Your welcome:thumb:.because if you can judge what the whole film is going to be like from my five and a half lines of typed words you should go on pointless.


----------



## Th3Doctor (Feb 2, 2010)

I didn't type thanks for the review did I? Thanks for the spoiler means thanks for mentioning a small amount of the film, that prior to reading your post had no idea about. Twit:thumb:


----------



## stonejedi (Feb 2, 2008)

Have you seen the trailer?stop being Stupid you muppet,no one likes trolls and to me your looking for a fight you won't get one over a keyboard will you sonny?so leave it there.


----------



## Th3Doctor (Feb 2, 2010)

Your the muppet you little ass hat - yes seen the trailer correct me if I'm wrong but it doesn't mention anything about a villian from batmans past does it? Not a troll just annoyed!


----------



## stonejedi (Feb 2, 2008)

stonejedi said:


> Have you seen the trailer?stop being Stupid you muppet,no one likes trolls and to me your looking for a fight you won't get one over a keyboard will you sonny?so leave it there.


as it seems you cannot read i will quote myself again end of the matter.


----------



## Alex L (Oct 25, 2005)

don't want to know about a film so reads a thread about it and moans because someone wrote something about, thats almost woman logic :lol::lol::lol:

Just got back from seeing this and it's fantastic, I came away from this with the same feelings I had the first time I saw 'The Dark Knight' - that something was slightly missing and if you know the scene (highlight this bit to read further and delete if you quote me please) Where Catwoman kills Bane, I felt it needed something more, perhaps a dialogue from Batman about why he beat him. Not just a big bang and boom he's gone.


----------



## Th3Doctor (Feb 2, 2010)

Alex L said:


> don't want to know about a film so reads a thread about it and moans because someone wrote something about, thats almost woman logic :lol::lol::lol:[/COLOR]


Ooooh another genius - look if the threads title was "dark knight spoilers thread" I wouldn't have even clicked on the link. Ass hat above mentioned a small but annoying part of the story I would rather not have known before seeing it. Thanks for the input tho


----------



## 123stevevw (May 19, 2008)

Awesome film. Really enjoyed it. Defo recommend it


----------



## Wheelzntoys (Jan 28, 2012)

@Alex....understand what you mean. Hard to say anything because of spoilers.

I'm watching it a 2nd time today.


----------



## Grin (Jun 13, 2012)

I saw it last night. I didn't think it was that good; certainly not five out of five. For me it didn't top The Dark Knight and I felt like it was incomplete, like it was trying to get somewhere but didn't quite deliver. Maybe my expectations were too high but I don't have the feeling of closure I wanted, despite all of the threads being pulled together. 
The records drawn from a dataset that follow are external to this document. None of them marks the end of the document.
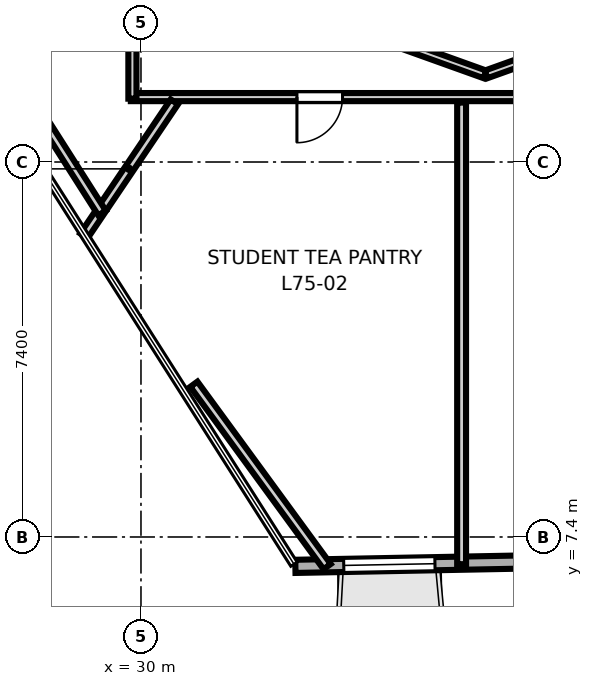
"""IFC4 building model, lengths in metres.
Left out: names, types, materials, properties, quantities, classifications, styles, units other than length and angle.
Written with IfcOpenShell. Run it as: python <this file> out.ifc"""

import sys

from ifc_helpers import new_model, si_unit, direction, frame, frame_2d, origin, place, context, subcontext, project, spatial, rectangle, extrude, element, fill, save


model = new_model("IFC4")
c1 = context("Model", 3, precision=1e-05, world=origin(), true_north=direction((0.0, 1.0)))
c2 = subcontext(c1, "Body", "Model", "MODEL_VIEW")
j1 = project(units=[si_unit("LENGTHUNIT", "METRE"), si_unit("PLANEANGLEUNIT", "RADIAN")], contexts=[c1])
p1 = place(None, origin())
s1 = spatial("IfcSite", under=j1, at=p1, CompositionType="ELEMENT")
p2 = place(p1, origin())
s2 = spatial("IfcBuilding", under=s1, at=p2, CompositionType="ELEMENT")
p3 = place(p2, frame((0.0, 0.0, 291.7)))
s3 = spatial("IfcBuildingStorey", under=s2, at=p3, CompositionType="ELEMENT", Elevation=291.7)
p4 = place(p3, frame((33.047, 6.82, 0.0), z_axis=(0.0, 0.0, 1.0), x_axis=(0.999816998349, 0.019130337478, 0.0)))
e1 = element("IfcWall", 1, at=p4, inside=s3, PredefinedType="SOLIDWALL", context=c2, shape_type="SweptSolid", body=[
    extrude(rectangle(XDim=4.99, YDim=0.26, at=frame_2d((2.495, 0.0))), origin(), (0.0, 0.0, 1.0), 3.52),
])
p5 = place(p4, frame((0.955, 0.0, 0.85)))
e2 = element("IfcOpeningElement", 2, at=p5, cuts=e1, PredefinedType="OPENING", context=c2, shape_type="SweptSolid", body=[
    extrude(rectangle(XDim=1.8, YDim=2.1, at=frame_2d((0.9, 1.05))), frame((0.0, 0.14, 0.0), z_axis=(0.0, -1.0, 0.0), x_axis=(1.0, 0.0, 0.0)), (0.0, 0.0, 1.0), 0.28),
])
p6 = place(p3, frame((33.458, 17.724, 0.0), z_axis=(0.0, 0.0, 1.0), x_axis=(0.94128854789, -0.337603124408, 0.0)))
e3 = element("IfcWall", 3, at=p6, inside=s3, PredefinedType="PARTITIONING", context=c2, shape_type="SweptSolid", body=[
    extrude(rectangle(XDim=3.54, YDim=0.16, at=frame_2d((1.77, 0.0))), origin(), (0.0, 0.0, 1.0), 2.84),
])
p7 = place(p3, frame((36.81, 16.529, 0.0), z_axis=(0.0, 0.0, 1.0), x_axis=(0.941548344365, 0.33687789364, 0.0)))
e4 = element("IfcWall", 4, at=p7, inside=s3, PredefinedType="PARTITIONING", context=c2, shape_type="SweptSolid", body=[
    extrude(rectangle(XDim=3.513, YDim=0.16, at=frame_2d((1.756, 0.0))), origin(), (0.0, 0.0, 1.0), 2.84),
])
p8 = place(p3, frame((44.046, 16.081, 0.0), z_axis=(0.0, 0.0, 1.0), x_axis=(-1.0, 0.0, 0.0)))
e5 = element("IfcWall", 5, at=p8, inside=s3, PredefinedType="PARTITIONING", context=c2, shape_type="SweptSolid", body=[
    extrude(rectangle(XDim=14.246, YDim=0.16, at=frame_2d((7.123, 0.0))), origin(), (0.0, 0.0, 1.0), 2.84),
])
p9 = place(p8, frame((10.069, 0.0, 0.0)))
e6 = element("IfcOpeningElement", 6, at=p9, cuts=e5, PredefinedType="OPENING", context=c2, shape_type="SweptSolid", body=[
    extrude(rectangle(XDim=0.9, YDim=2.1, at=frame_2d((0.45, 1.05))), frame((0.0, 0.09, 0.0), z_axis=(0.0, -1.0, 0.0), x_axis=(1.0, 0.0, 0.0)), (0.0, 0.0, 1.0), 0.18),
])
p10 = place(p3, frame((29.831, 16.05, 0.0), z_axis=(0.0, 0.0, 1.0), x_axis=(0.0, 1.0, 0.0)))
e7 = element("IfcWall", 7, at=p10, inside=s3, PredefinedType="PARTITIONING", context=c2, shape_type="SweptSolid", body=[
    extrude(rectangle(XDim=3.35, YDim=0.16, at=frame_2d((1.675, 0.0))), origin(), (0.0, 0.0, 1.0), 2.84),
])
p11 = place(p3, frame((30.658, 15.987, 0.0), z_axis=(0.0, 0.0, 1.0), x_axis=(-0.559194255482, -0.82903666061, 0.0)))
e8 = element("IfcWall", 8, at=p11, inside=s3, PredefinedType="PLUMBINGWALL", context=c2, shape_type="SweptSolid", body=[
    extrude(rectangle(XDim=3.191, YDim=0.175, at=frame_2d((1.596, 0.0))), origin(), (0.0, 0.0, 1.0), 2.84),
])
p12 = place(p3, frame((29.231, 13.794, 0.0), z_axis=(0.0, 0.0, 1.0), x_axis=(-0.5370149386, 0.843572732916, 0.0)))
e9 = element("IfcWall", 9, at=p12, inside=s3, PredefinedType="PLUMBINGWALL", context=c2, shape_type="SweptSolid", body=[
    extrude(rectangle(XDim=6.57, YDim=0.175, at=frame_2d((3.285, 0.0))), origin(), (0.0, 0.0, 1.0), 2.84),
])
p13 = place(p3, frame((36.328, 15.973, 0.0), z_axis=(0.0, 0.0, 1.0), x_axis=(0.0, -1.0, 0.0)))
e10 = element("IfcWall", 10, at=p13, inside=s3, PredefinedType="PLUMBINGWALL", context=c2, shape_type="SweptSolid", body=[
    extrude(rectangle(XDim=9.11, YDim=0.175, at=frame_2d((4.555, 0.0))), origin(), (0.0, 0.0, 1.0), 2.84),
])
p14 = place(p3, frame((33.674, 6.815, 0.0), z_axis=(0.0, 0.0, 1.0), x_axis=(-0.589990500087, 0.807410186836, 0.0)))
e11 = element("IfcWall", 11, at=p14, inside=s3, PredefinedType="PLUMBINGWALL", context=c2, shape_type="SweptSolid", body=[
    extrude(rectangle(XDim=4.458, YDim=0.175, at=frame_2d((2.229, 0.0))), origin(), (0.0, 0.0, 1.0), 2.84),
])
p15 = place(p9, origin())
e12 = element("IfcDoor", 12, at=p15, inside=s3, OperationType="SINGLE_SWING_RIGHT", PredefinedType="DOOR", context=c2, shape_type="SweptSolid", body=[
    extrude(rectangle(XDim=0.9, YDim=2.1, at=frame_2d((0.45, 1.05))), frame((0.0, 0.025, 0.0), z_axis=(0.0, -1.0, 0.0), x_axis=(1.0, 0.0, 0.0)), (0.0, 0.0, 1.0), 0.05),
])
fill(e6, e12)
p16 = place(p5, origin())
e13 = element("IfcWindow", 13, at=p16, inside=s3, PartitioningType="SINGLE_PANEL", PredefinedType="WINDOW", context=c2, shape_type="SweptSolid", body=[
    extrude(rectangle(XDim=1.8, YDim=2.1, at=frame_2d((0.9, 1.05))), frame((0.0, 0.03, 0.0), z_axis=(0.0, -1.0, 0.0), x_axis=(1.0, 0.0, 0.0)), (0.0, 0.0, 1.0), 0.06),
])
fill(e2, e13)
save(model, sys.argv[1])

SPOILERS: There wasn't enough Bane, there wasn't enough Batman and there wasn't enough of them together. The final fight was weak, badly shot so you couldn't see enough of the contact and over too quickly, with a dissatisfying end involving a third-party who shouldn't have been there.


----------



## Serkie (Dec 8, 2007)

Saw this tonight and oh my what a spectacle. Really enjoyed it.


----------



## Feeder (Nov 25, 2006)

Can't wait to go back and see it for a second viewing in iMax next time. I also can't remember a film where the whole theatre applauded at the end. Totally justified.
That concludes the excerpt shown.